Several people do not think that marketing has any role to play when it comes to the physical product that your business is selling. In fact, the common train of thought very often bears the precise opposite sentiment. Surely it should be the opposite way around – your production department creates a product for sale and then it is the task of the marketing department to discover ways to sell it, right? This is not always the case.
Consider the computer software market as an example. There are many established brands of both operating system as well as software application products on the market already, and because the market is fairly well saturated it would be incredibly tough (and expensive) to “take on the big boys”. So how can the principles of the marketing mix help in this circumstance?
Rather than creating an operating system and then trying to craft a marketing strategy to take on the likes of Microsoft or Apple, it would be more effective to look at what sorts of product are desired in the current marketplace, and how viable it would be to manufacture and sell them. By being aware of the marketing mix early on in your product development cycle you can prevent business dead-ends at a later stage.
Once your products have been fashioned and created it is still a vital skill to be able to objectively evaluate your own products to recognise the reasons why a customer would buy your product rather than a competitors’.
A different form of this part of the marketing mix is called product variation and is generally used to either extend the lifecycle of a product currently in the market, or to make your new product attractive to as many customers as possible.
The motor industry uses this technique very effectively by offering various engines, trim packages and interior options with the cars that they offer. They use the marketing mix to good effect to sell their own products in an extremely competitive marketplace.

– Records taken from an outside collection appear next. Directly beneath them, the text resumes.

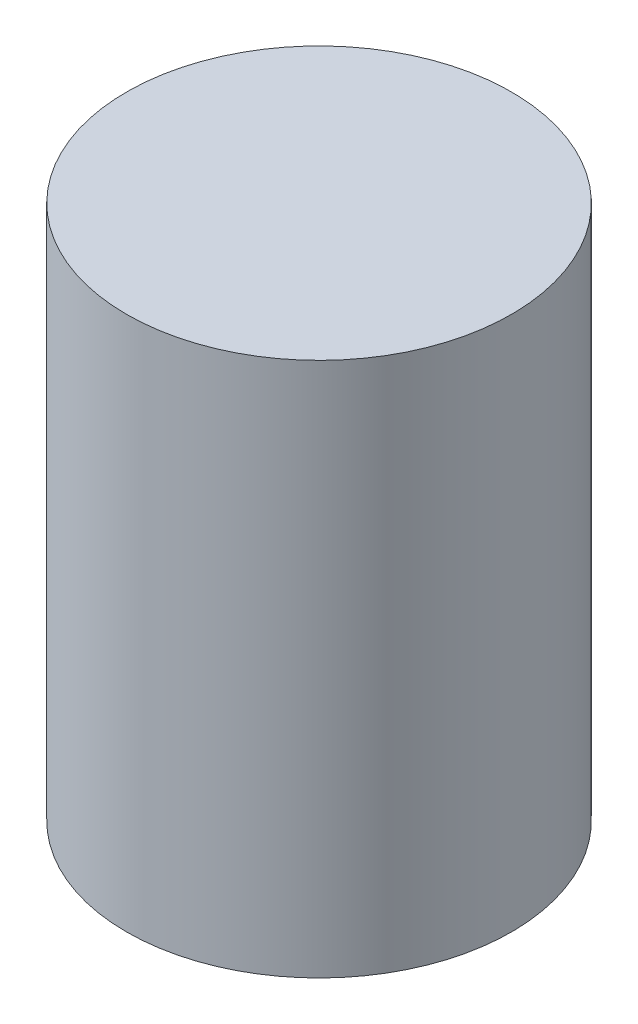
SolidWorks part; units mm, degrees
material "6061"
ref_plane "前视基准面" through (0, 0, 0) normal (0, 0, 1) x (1, 0, 0)
ref_plane "上视基准面" through (0, 0, 0) normal (0, 1, 0) x (1, 0, 0)
ref_plane "右视基准面" through (0, 0, 0) normal (1, 0, 0) x (0, 0, -1)
sketch "草图1" plane through (0, 0, 0) normal (0, 1, 0) x (1, 0, 0)
  circle A0 centre (0, 0) radius 9
  dimension "D1" = 18
extrude "凸台-拉伸1" add sketch "草图1" along normal mid plane 25

Whilst these companies may have substantial marketing budgets, the same concepts can be applied to all companies.
As part of our own promotion strategy, our business carefully studied what made our goods stand out from the crowd.
It might seem evident that marketing is vitally significant to any company similar to ours, but the suggestions still need to be put into practice, which isn’t always simple.
Price
Another important factor in the marketing mix relates to the price of your products or services. This isn’t a simple case of carrying out market research to figure out the top price that your customers would spend (although that can be a handy tool to use), but rather using the price of your products as a strategic tool designed to achieve any particular objectives your business has. The potential advantages of an effective pricing plan are surprisingly large!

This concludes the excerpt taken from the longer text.